Easy to build on, really nice flavor decent clouds and she is still running it off her iJust 2. 

ENJOY the tank!

Reactions: Thanks 1


----------



## Metal Liz

Anneries said:


> @Metal Liz did you get the Serpent mini 22mm? Then NO, you did not get a crappy tank. Have tested a couple of tanks, including my wife's Serpent Mini 22. And it is a GREAT tank.
> Easy to build on, really nice flavor decent clouds and she is still running it off her iJust 2.
> 
> ENJOY the tank!


Yup i did order the 22mm Serpent mini  Thank you so much for your feedback! Makes me feel a LOT better and looking forward to getting my vapemail again next week


----------



## Kalashnikov

Metal Liz said:


> Yup i did order the 22mm Serpent mini  Thank you so much for your feedback! Makes me feel a LOT better and looking forward to getting my vapemail again next week


I have 2 of them and im still using them. They are great!!

Reactions: Thanks 1


----------



## Spydro

Kalashnikov said:


> Are you running single coil in your avos?

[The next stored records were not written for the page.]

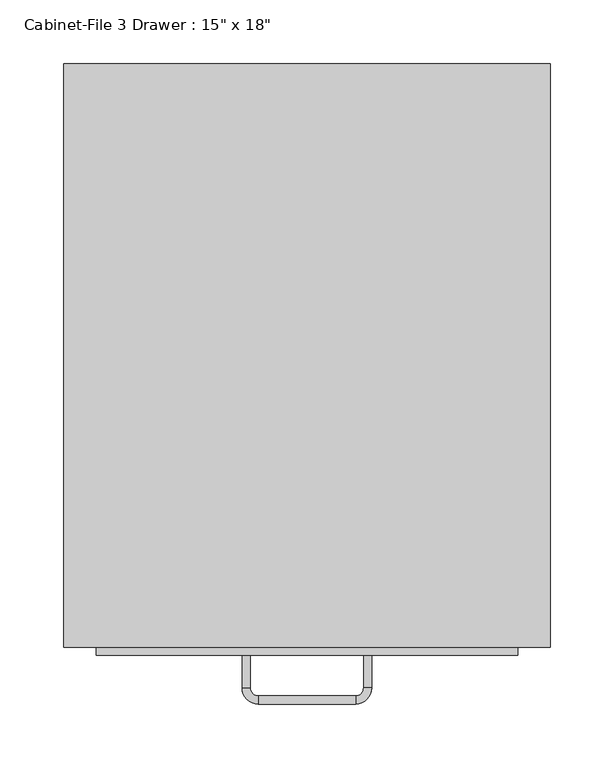
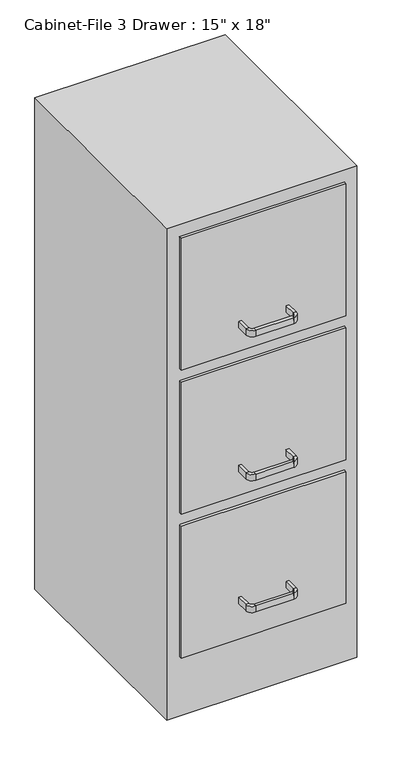
"""IFC4 building model written with IfcOpenShell, lengths in millimetres: furniture geometry."""

from ifc_helpers import new_model, si_unit, frame, origin, origin_with_axes, place, context, project, spatial, polyline, circle_curve, outline, extrude, source, transform, mapped, element, save
from ifc_brep_helpers import plane_surface, cylinder_surface, revolved_surface, advanced_brep


def furniture_552c1472(model_context):
    return source(origin(), model_context, "Body", "SolidModel", [
        extrude(outline(polyline([(62.603553, 86.4656999), (62.603553, -370.7343001), (-318.396447, -370.7343001), (-318.396447, 86.4656999), (62.603553, 86.4656999)])), origin_with_axes(), (0.0, 0.0, 1.0), 1041.4),
        extrude(outline(polyline([(37.203553, -377.0843001), (-292.996447, -377.0843001), (-292.996447, -370.7343001), (37.203553, -370.7343001), (37.203553, -377.0843001)])), frame((0.0, 0.0, 736.6), z_axis=(0.0, 0.0, 1.0), x_axis=(1.0, 0.0, 0.0)), (0.0, 0.0, 1.0), 279.4),
        extrude(outline(polyline([(37.203553, -377.0843001), (-292.996447, -377.0843001), (-292.996447, -370.7343001), (37.203553, -370.7343001), (37.203553, -377.0843001)])), frame((0.0, 0.0, 431.8), z_axis=(0.0, 0.0, 1.0), x_axis=(1.0, 0.0, 0.0)), (0.0, 0.0, 1.0), 279.4),
        extrude(outline(polyline([(37.203553, -377.0843001), (-292.996447, -377.0843001), (-292.996447, -370.7343001), (37.203553, -370.7343001), (37.203553, -377.0843001)])), frame((0.0, 0.0, 127.0), z_axis=(0.0, 0.0, 1.0), x_axis=(1.0, 0.0, 0.0)), (0.0, 0.0, 1.0), 279.4),
        advanced_brep(
        [(-172.346447, -377.0843001, 203.2), (-178.696447, -377.0843001, 203.2), (-178.696447, -377.0843001, 215.9), (-172.346447, -377.0843001, 215.9), (-172.346447, -402.4843001, 203.2), (-178.696447, -402.4843001, 203.2), (-178.696447, -402.4843001, 215.9), (-172.346447, -402.4843001, 215.9), (-165.996447, -415.1843001, 203.2), (-165.996447, -408.8343001, 203.2), (-165.996447, -415.1843001, 215.9), (-165.996447, -408.8343001, 215.9), (-89.796447, -408.8343001, 203.2), (-89.796447, -415.1843001, 203.2), (-89.796447, -415.1843001, 215.9), (-89.796447, -408.8343001, 215.9), (-77.096447, -402.4843001, 203.2), (-83.446447, -402.4843001, 203.2), (-77.096447, -402.4843001, 215.9), (-83.446447, -402.4843001, 215.9), (-83.446447, -377.0843001, 203.2), (-83.446447, -377.0843001, 215.9), (-77.096447, -377.0843001, 215.9), (-77.096447, -377.0843001, 203.2)],
        [
            (0, 1),
            (1, 2),
            (2, 3),
            (3, 0),
            (0, 4),
            (4, 5),
            (5, 1),
            (5, 6),
            (6, 2),
            (6, 7),
            (7, 3),
            (7, 4),
            (8, 5, circle_curve(frame((-165.996447, -402.4843001, 203.2), z_axis=(0.0, 0.0, -1.0), x_axis=(-1.0, 0.0, 0.0)), 12.7)),
            (4, 9, circle_curve(frame((-165.996447, -402.4843001, 203.2), z_axis=(0.0, 0.0, 1.0), x_axis=(-1.0, 0.0, 0.0)), 6.35)),
            (9, 8),
            (10, 6, circle_curve(frame((-165.996447, -402.4843001, 215.9), z_axis=(0.0, 0.0, -1.0), x_axis=(-1.0, 0.0, 0.0)), 12.7)),
            (8, 10),
            (11, 7, circle_curve(frame((-165.996447, -402.4843001, 215.9), z_axis=(0.0, 0.0, -1.0), x_axis=(-1.0, 0.0, 0.0)), 6.35)),
            (10, 11),
            (11, 9),
            (9, 12),
            (12, 13),
            (13, 8),
            (13, 14),
            (14, 10),
            (14, 15),
            (15, 11),
            (15, 12),
            (16, 13, circle_curve(frame((-89.796447, -402.4843001, 203.2), z_axis=(0.0, 0.0, -1.0), x_axis=(0.0, -1.0, 0.0)), 12.7)),
            (12, 17, circle_curve(frame((-89.796447, -402.4843001, 203.2), z_axis=(0.0, 0.0, 1.0), x_axis=(0.0, -1.0, 0.0)), 6.35)),
            (17, 16),
            (18, 14, circle_curve(frame((-89.796447, -402.4843001, 215.9), z_axis=(0.0, 0.0, -1.0), x_axis=(0.0, -1.0, 0.0)), 12.7)),
            (16, 18),
            (19, 15, circle_curve(frame((-89.796447, -402.4843001, 215.9), z_axis=(0.0, 0.0, -1.0), x_axis=(0.0, -1.0, 0.0)), 6.35)),
            (18, 19),
            (19, 17),
            (20, 21),
            (21, 22),
            (22, 23),
            (23, 20),
            (17, 20),
            (23, 16),
            (22, 18),
            (21, 19),
        ],
        [
            plane_surface(frame((-978.8216451, -377.0843001, 0.0), z_axis=(0.0, 1.0, 0.0), x_axis=(0.0, 0.0, -1.0))),
            plane_surface(frame((-172.346447, -377.0843001, 203.2), z_axis=(0.0, 0.0, -1.0), x_axis=(0.0, -1.0, 0.0))),
            plane_surface(frame((-178.696447, -377.0843001, 203.2), z_axis=(-1.0, 0.0, 0.0), x_axis=(0.0, -1.0, 0.0))),
            plane_surface(frame((-178.696447, -377.0843001, 215.9), z_axis=(0.0, 0.0, 1.0), x_axis=(0.0, -1.0, 0.0))),
            plane_surface(frame((-172.346447, -377.0843001, 215.9), z_axis=(1.0, 0.0, 0.0), x_axis=(0.0, -1.0, 0.0))),
            plane_surface(frame((-165.996447, -402.4843001, 203.2), z_axis=(0.0, 0.0, -1.0), x_axis=(-1.0, 0.0, 0.0))),
            cylinder_surface(frame((-165.996447, -402.4843001, 0.0), z_axis=(0.0, 0.0, 1.0), x_axis=(-1.0, 0.0, 0.0)), 12.7),
            plane_surface(frame((-165.996447, -402.4843001, 215.9), z_axis=(0.0, 0.0, 1.0), x_axis=(-1.0, 0.0, 0.0))),
            revolved_surface(polyline([(-172.34644699999998, -402.4843001, 215.9), (-172.34644699999998, -402.4843001, 203.2)]), (-165.996447, -402.4843001, 0.0), (0.0, 0.0, 1.0)),
            plane_surface(frame((-165.996447, -408.8343001, 203.2), z_axis=(0.0, 0.0, -1.0), x_axis=(1.0, 0.0, 0.0))),
            plane_surface(frame((-165.996447, -415.1843001, 203.2), z_axis=(0.0, -1.0, 0.0), x_axis=(1.0, 0.0, 0.0))),
            plane_surface(frame((-165.996447, -415.1843001, 215.9), z_axis=(0.0, 0.0, 1.0), x_axis=(1.0, 0.0, 0.0))),
            plane_surface(frame((-165.996447, -408.8343001, 215.9), z_axis=(0.0, 1.0, 0.0), x_axis=(1.0, 0.0, 0.0))),
            plane_surface(frame((-89.796447, -402.4843001, 203.2), z_axis=(0.0, 0.0, -1.0), x_axis=(0.0, -1.0, 0.0))),
            cylinder_surface(frame((-89.796447, -402.4843001, 0.0), z_axis=(0.0, 0.0, 1.0), x_axis=(0.0, -1.0, 0.0)), 12.7),
            plane_surface(frame((-89.796447, -402.4843001, 215.9), z_axis=(0.0, 0.0, 1.0), x_axis=(0.0, -1.0, 0.0))),
            revolved_surface(polyline([(-89.796447, -408.8343001, 215.9), (-89.796447, -408.8343001, 203.2)]), (-89.796447, -402.4843001, 0.0), (0.0, 0.0, 1.0)),
            plane_surface(frame((-877.2216451, -377.0843001, 0.0), z_axis=(0.0, 1.0, 0.0), x_axis=(0.0, 0.0, 1.0))),
            plane_surface(frame((-83.446447, -402.4843001, 203.2), z_axis=(0.0, 0.0, -1.0), x_axis=(0.0, 1.0, 0.0))),
            plane_surface(frame((-77.096447, -402.4843001, 203.2), z_axis=(1.0, 0.0, 0.0), x_axis=(0.0, 1.0, 0.0))),
            plane_surface(frame((-77.096447, -402.4843001, 215.9), z_axis=(0.0, 0.0, 1.0), x_axis=(0.0, 1.0, 0.0))),
            plane_surface(frame((-83.446447, -402.4843001, 215.9), z_axis=(-1.0, 0.0, 0.0), x_axis=(0.0, 1.0, 0.0))),
        ],
        [
            (0, [[1, 2, 3, 4]]),
            (1, [[-1, 5, 6, 7]]),
            (2, [[-2, -7, 8, 9]]),
            (3, [[-3, -9, 10, 11]]),
            (4, [[-4, -11, 12, -5]]),
            (5, [[13, -6, 14, 15]]),
            (6, [[16, -8, -13, 17]]),
            (7, [[18, -10, -16, 19]]),
            (8, [[-14, -12, -18, 20]]),
            (9, [[-15, 21, 22, 23]]),
            (10, [[-17, -23, 24, 25]]),
            (11, [[-19, -25, 26, 27]]),
            (12, [[-20, -27, 28, -21]]),
            (13, [[29, -22, 30, 31]]),
            (14, [[32, -24, -29, 33]]),
            (15, [[34, -26, -32, 35]]),
            (16, [[-30, -28, -34, 36]]),
            (17, [[37, 38, 39, 40]]),
            (18, [[-31, 41, -40, 42]]),
            (19, [[-33, -42, -39, 43]]),
            (20, [[-35, -43, -38, 44]]),
            (21, [[-36, -44, -37, -41]]),
        ],
    ),
        advanced_brep(
        [(-172.346447, -377.0843001, 482.6), (-178.696447, -377.0843001, 482.6), (-178.696447, -377.0843001, 495.3), (-172.346447, -377.0843001, 495.3), (-172.346447, -402.4843001, 482.6), (-178.696447, -402.4843001, 482.6), (-178.696447, -402.4843001, 495.3), (-172.346447, -402.4843001, 495.3), (-165.996447, -415.1843001, 482.6), (-165.996447, -408.8343001, 482.6), (-165.996447, -415.1843001, 495.3), (-165.996447, -408.8343001, 495.3), (-89.796447, -408.8343001, 482.6), (-89.796447, -415.1843001, 482.6), (-89.796447, -415.1843001, 495.3), (-89.796447, -408.8343001, 495.3), (-77.096447, -402.4843001, 482.6), (-83.446447, -402.4843001, 482.6), (-77.096447, -402.4843001, 495.3), (-83.446447, -402.4843001, 495.3), (-83.446447, -377.0843001, 482.6), (-83.446447, -377.0843001, 495.3), (-77.096447, -377.0843001, 495.3), (-77.096447, -377.0843001, 482.6)],
        [
            (0, 1),
            (1, 2),
            (2, 3),
            (3, 0),
            (0, 4),
            (4, 5),
            (5, 1),
            (5, 6),
            (6, 2),
            (6, 7),
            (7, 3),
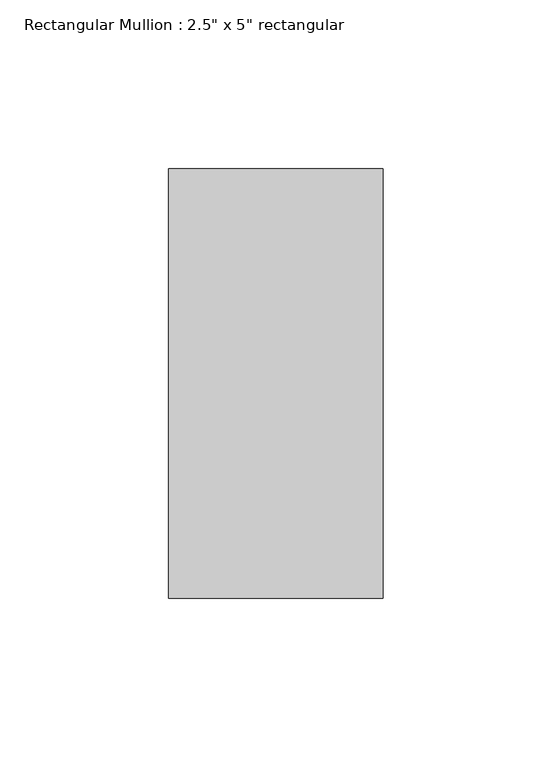
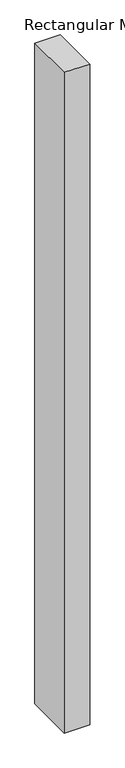
"""IFC4 building model written with IfcOpenShell, lengths in millimetres: member geometry."""

from ifc_helpers import new_model, si_unit, frame, origin, place, context, project, spatial, polyline, outline, extrude, source, transform, mapped, element, save


def member_d8304dce(model_context):
    return source(origin(), model_context, "Body", "SweptSolid", [
        extrude(outline(polyline([(31.75, 63.5), (31.75, -63.5), (-31.75, -63.5), (-31.75, 63.5), (31.75, 63.5)])), frame((0.0, 0.0, -1744.0799136), z_axis=(0.0, 0.0, 1.0), x_axis=(1.0, 0.0, 0.0)), (0.0, 0.0, 1.0), 1744.0799136),
    ])


if __name__ == "__main__":
    model = new_model("IFC4")
    model_context = context("Model", 3, world=origin())
    ifc_project = project(units=[si_unit("LENGTHUNIT", "METRE", prefix="MILLI")], contexts=[model_context])
    site = spatial("IfcSite", under=ifc_project)
    building = spatial("IfcBuilding", under=site)
    placement = place(None, origin())
    member_shape = member_d8304dce(model_context)
    element("IfcMember", 1, ObjectType="Rectangular Mullion : 2.5\" x 5\" rectangular", at=placement, inside=building, context=model_context, shape_type="MappedRepresentation", body=[
        mapped(member_shape, transform((0.0, 0.0, 0.0), x_axis=(1.0, 0.0, 0.0), y_axis=(0.0, 1.0, 0.0), z_axis=(0.0, 0.0, 1.0))),
    ])
    save(model, "model.ifc")

# Revit data of these elements
# Type "Rectangular Mullion : 2.5\" x 5\" rectangular"
#   built-in parameter 1007304 = 0.416667 (stored number, unit not read)
#   built-in parameter 1007301 = 0.104167 (stored number, unit not read)
#   built-in parameter 1007300 = 0.104167 (stored number, unit not read)
# Element 1 (IfcMember, "Rectangular Mullion : 2.5\" x 5\" rectangular")
#   Materials on its faces: "Aluminum"
# Materials
#   "Aluminum": class "Metal", colour RGB 247 247 247, transparency 0, Description = "Aluminum 6061", Cost = 0

In a word no. I tried a single in one of the Avo G's early on and it did just fine with it. But I'm more a dual coil vaper for my long lung hits. So if an atty can run dual (quad, etc) that's what I run usually in them instead of single builds. An exception is when I use high center parallel builds is certain atty's sometimes.


----------



## KZOR

With all this hype I am convinced. Will order the 25mm Serpent mini. 
Cannot go wrong with sooooooo many positive experiences/responses on the forum.

Reactions: Like 1


----------



## Spydro

Rob Fisher said:


> 100% @Spydro! Testing some other juices I bought from the UK recently highlights the issue...
> 
> The fact is XXX is brilliant in ceramic coiled tanks and the Serpent Mini 25. What it battles in is a regulated squonker and all the atties I have tried. For some reason it just doesn't work that well in any of the atties I've tried other than the Petri BF Dripper... I can't quite work out why... I have been fighting with the OL16 that everyone raves about and I just don't get it... but I'm going to do a rebuild and try one of my other juices like Milky Way or Slug Juice in it.
> 
> I love my Avo 24 and agree it is awesome flavour... however I find the wicking a pain because I feel I need to rewick everyday with it and the juice capacity is really lousy...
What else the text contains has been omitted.